PDillis / stylegan3-fun

Modifications of the official PyTorch implementation of StyleGAN3. Let's easily generate images and videos with StyleGAN2/2-ADA/3!

Geek Repo:Geek Repo

Github PK Tool:Github PK Tool

Multi-Modal Based Truncation

49xxy opened this issue · comments

commented

Hi!Thank you for your excellent work and summary!

I would like to know how to use multi-modal Based Truncation.

Thank you! Multi-modal truncation code is a skeleton for now (gotta make it nicer so you can use your models), but it works like so:

  • network_pkl is the path or URL to your saved model or the model you want to use
  • description will be the description of the folder that will be created in outdir, where the images will be saved at
  • num_clusters can be changed to whatever you want, but the paper says 64 is good enough

So basically we generate 60,000 random dlatents that will be standardized and then clusterized with KMeans. I have verbose=1 in the KMeans algo, but you can set it to 0 to stop printing stuff. This will take some minutes as you use the CPU, but perhaps there's a possibility of using the GPU in the future.

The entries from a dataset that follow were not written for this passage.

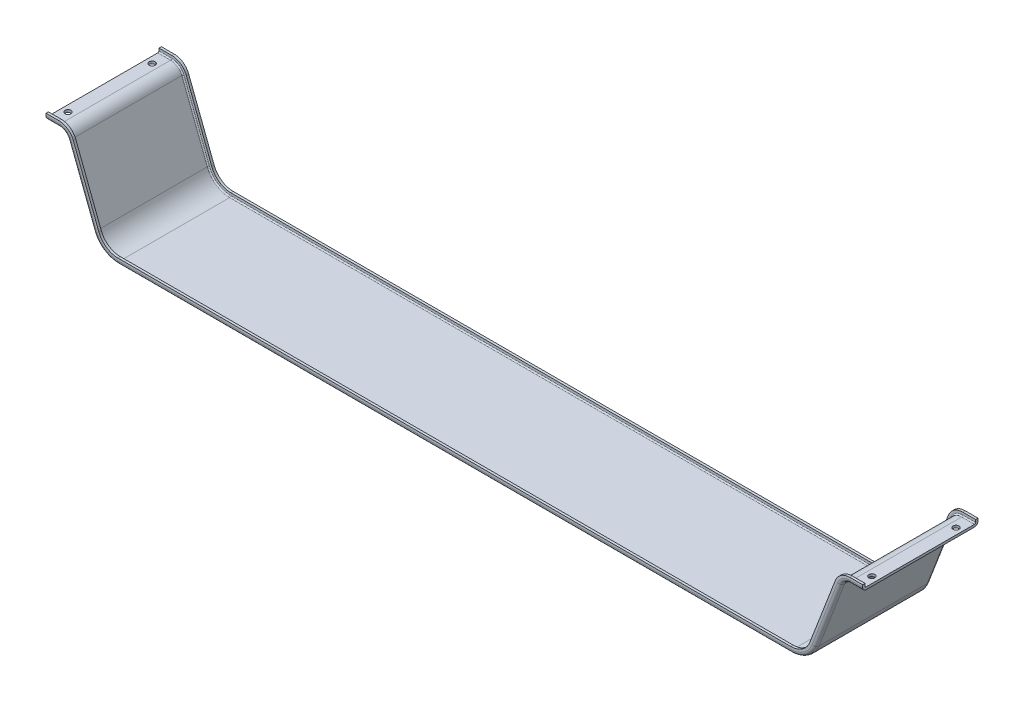
from build123d import *

# Parameters (mm, degrees)
SKETCH1_W                      = 1359.347595865
SKETCH1_H                      = 192
BOSS_EXTRUDE1_DEPTH            = 152.841538075
CUT_EXTRUDE1_DEPTH             = 184
SKETCH3_W                      = 1359.347595865
SKETCH3_H                      = 4
BOSS_EXTRUDE2_DEPTH            = 6
SKETCH4_W                      = 1359.347595865
SKETCH4_H                      = 4
BOSS_EXTRUDE3_DEPTH            = 6
CUT_EXTRUDE2_DEPTH             = 1510.687853091
CUT_EXTRUDE3_REACH             = 1511.688
CUT_EXTRUDE4_DEPTH             = 1510.687853091
CUT_EXTRUDE5_DEPTH             = 1510.184353805
F_10_0_10_DIAMETER_HOLE1_D     = 10
F_10_0_10_DIAMETER_HOLE1_DEPTH = 152.841538075
FILLET1_R                      = 34.000000002
FILLET2_R                      = 16
FILLET3_R                      = 20
FILLET4_R                      = 40.000000002
FILLET5_R                      = 44.000000002
FILLET6_R                      = 2
FILLET7_R                      = 6
FILLET8_R                      = 26


with BuildPart() as part:
    # Sketch1 → Boss-Extrude1 (new body)
    with BuildSketch(Plane(origin=(0, 107.054087174, 0), x_dir=(1, 0, 0), z_dir=(0, 1, 0))):
        with Locations((-813.481313616, 0)):
            Rectangle(SKETCH1_W, SKETCH1_H)
    extrude(amount=-BOSS_EXTRUDE1_DEPTH)

    # Sketch2 → Cut-Extrude1 (cut)
    with BuildSketch(Plane(origin=(0, 0, -92), x_dir=(-1, 0, 0), z_dir=(0, 0, -1))):
        Polygon((168.807515683, 107.054087174), (226, -41.787450901), (1400.962627231, -41.787450901), (1458.155111548, 107.054087174), align=None)
    extrude(amount=-CUT_EXTRUDE1_DEPTH, mode=Mode.SUBTRACT)

    # Sketch3 → Boss-Extrude2 (add)
    with BuildSketch(Plane(origin=(0, 107.054087174, 0), x_dir=(-1, 0, 0), z_dir=(0, 1, 0))):
        with Locations((813.481313616, -94)):
            Rectangle(SKETCH3_W, SKETCH3_H)
    extrude(amount=BOSS_EXTRUDE2_DEPTH)

    # Sketch4 → Boss-Extrude3 (add)
    with BuildSketch(Plane(origin=(0, 107.054087174, 0), x_dir=(-1, 0, 0), z_dir=(0, 1, 0))):
        with Locations((813.481313616, 94)):
            Rectangle(SKETCH4_W, SKETCH4_H)
    extrude(amount=BOSS_EXTRUDE3_DEPTH)

    # Sketch5 → Cut-Extrude2 (cut, through all)
    with BuildSketch(Plane(origin=(0, 0, -96), x_dir=(-1, 0, 0), z_dir=(0, 0, -1))):
        Polygon((166.059384321, 103.054087174), (133.807515683, 103.054087174), (133.807515683, -45.787450901), (223.251868638, -45.787450901), align=None)
    extrude(amount=-CUT_EXTRUDE2_DEPTH, mode=Mode.SUBTRACT)

    # Sketch6 → Cut-Extrude3 (cut, up to next)
    with BuildSketch(Plane(origin=(0, 0, -96), x_dir=(-1, 0, 0), z_dir=(0, 0, -1)), mode=Mode.PRIVATE) as cut_extrude3_sk1:
        Polygon((1454.032914506, 113.054087174), (172.929712725, 113.054087174), (230.122197042, -35.787450901), (1396.840430189, -35.787450901), align=None)
    cut_extrude3_tool1 = extrude(cut_extrude3_sk1.sketch, amount=-CUT_EXTRUDE3_REACH, mode=Mode.PRIVATE) & part.part
    add(cut_extrude3_tool1.solids().sort_by_distance((-813.481314, 39.792528, -96))[0], mode=Mode.SUBTRACT)

    # Sketch7 → Cut-Extrude4 (cut, through all)
    with BuildSketch(Plane.XY.offset(96)):
        Polygon((-1460.90324291, 103.054087174), (-1493.155111548, 103.054087174), (-1493.155111548, -45.787450901), (-1403.710758593, -45.787450901), align=None)
    extrude(amount=-CUT_EXTRUDE4_DEPTH, mode=Mode.SUBTRACT)

    # Sketch8 → Cut-Extrude5 (cut, through all)
    with BuildSketch(Plane(origin=(0, 0, 92), x_dir=(-1, 0, 0), z_dir=(0, 0, -1))):
        Polygon((1454.032914506, 113.054087174), (172.929712725, 113.054087174), (230.122197042, -35.787450901), (1396.840430189, -35.787450901), align=None)
    extrude(amount=-CUT_EXTRUDE5_DEPTH, mode=Mode.SUBTRACT)

    # Ø10.0 (10) Diameter Hole1
    with Locations(Plane(origin=(0, 107.054087174, 0), x_dir=(1, 0, 0), z_dir=(0, 1, 0))):
        with Locations((-144.437187279, 70), (-144.437187279, -70), (-1482.525439952, 70), (-1482.525439952, -70)):
            Hole(F_10_0_10_DIAMETER_HOLE1_D / 2, depth=F_10_0_10_DIAMETER_HOLE1_DEPTH)

    # Fillet1
    fillet1_edges = [part.edges().sort_by_distance(p)[0] for p in [
        (-1396.840430189, -35.787450901, 94),
        (-230.122197042, -35.787450901, 94),
        (-230.122197042, -35.787450901, -94),
        (-1396.840430189, -35.787450901, -94),
    ]]
    fillet(fillet1_edges, radius=FILLET1_R)

    # Fillet2
    fillet2_edges = [part.edges().sort_by_distance(p)[0] for p in [
        (-166.059384321, 103.054087174, 0),
        (-1460.90324291, 103.054087174, 0),
    ]]
    fillet(fillet2_edges, radius=FILLET2_R)

    # Fillet3
    fillet3_edges = [part.edges().sort_by_distance(p)[0] for p in [
        (-168.807515683, 107.054087174, 0),
        (-1458.155111548, 107.054087174, 0),
    ]]
    fillet(fillet3_edges, radius=FILLET3_R)

    # Fillet4
    fillet4_edges = [part.edges().sort_by_distance(p)[0] for p in [
        (-1400.962627231, -41.787450901, 0),
        (-226, -41.787450901, 0),
    ]]
    fillet(fillet4_edges, radius=FILLET4_R)

    # Fillet5
    fillet5_edges = [part.edges().sort_by_distance(p)[0] for p in [
        (-223.251868638, -45.787450901, 0),
        (-1403.710758593, -45.787450901, 0),
    ]]
    fillet(fillet5_edges, radius=FILLET5_R)

    # Fillet6
    fillet6_edges = [part.edges().sort_by_distance(p)[0] for p in [
        (-194.939490479, 39.04649198, -92),
        (-194.939490479, 39.04649198, 92),
        (-144.437187279, 107.054087174, -92),
        (-1482.525439952, 107.054087174, 92),
        (-166.39220553, 103.538519925, -92),
        (-166.39220553, 103.538519925, 92),
        (-1460.570421701, 103.538519925, -92),
        (-1460.570421701, 103.538519925, 92),
        (-1432.023136753, 39.04649198, -92),
        (-1432.023136753, 39.04649198, 92),
        (-813.481313616, -41.787450901, -92),
        (-230.830620305, -34.756316403, -92),
        (-1396.132006926, -34.756316403, -92),
        (-813.481313616, -41.787450901, 92),
        (-230.830620305, -34.756316403, 92),
        (-1396.132006926, -34.756316403, 92),
        (-1482.525439952, 107.054087174, -92),
        (-144.437187279, 107.054087174, 92),
    ]]
    fillet(fillet6_edges, radius=FILLET6_R)

    # Fillet7
    fillet7_edges = [part.edges().sort_by_distance(p)[0] for p in [
        (-144.437187279, 103.054087174, -96),
        (-144.437187279, 103.054087174, 96),
        (-1482.525439952, 103.054087174, 96),
        (-1482.525439952, 103.054087174, -96),
        (-164.127136199, 100.241633375, -96),
        (-164.127136199, 100.241633375, 96),
        (-1462.835491032, 100.241633375, 96),
        (-1462.835491032, 100.241633375, -96),
        (-1435.756975059, 37.611761518, 96),
        (-1435.756975059, 37.611761518, -96),
        (-813.481313616, -45.787450901, 96),
        (-191.205652172, 37.611761518, 96),
        (-228.565550974, -38.053202954, 96),
        (-1398.397076257, -38.053202954, 96),
        (-813.481313616, -45.787450901, -96),
        (-191.205652172, 37.611761518, -96),
        (-228.565550974, -38.053202954, -96),
        (-1398.397076257, -38.053202954, -96),
    ]]
    fillet(fillet7_edges, radius=FILLET7_R)

    # Fillet8
    fillet8_edges = [part.edges().sort_by_distance(p)[0] for p in [
        (-1454.032914506, 113.054087174, 94),
        (-172.929712725, 113.054087174, 94),
        (-172.929712725, 113.054087174, -94),
        (-1454.032914506, 113.054087174, -94),
    ]]
    fillet(fillet8_edges, radius=FILLET8_R)


solid = part.part

In the end, 3 images are saved:

  • A grid with: the pure dlatent that uses the seed at the beginning, the global average image or w_avg, and the pure dlatent truncated towards this global average
  • A grid of all the 64 (or num_clusters you have used) that are found in the latent space W
  • The pure dlatent truncated towards each of these 64 new centers

Also, the 64 new centers are saved as .npy files, so you can use them in other parts of the code. For example, generate.py lets you use a new center to use instead of w_avg by passing --new-center' and then the path to any of these 64 new centers/clusters.

Let me know if you have more questions, but this code needs to be redone/make prettier so it's easier to use and clearer as well.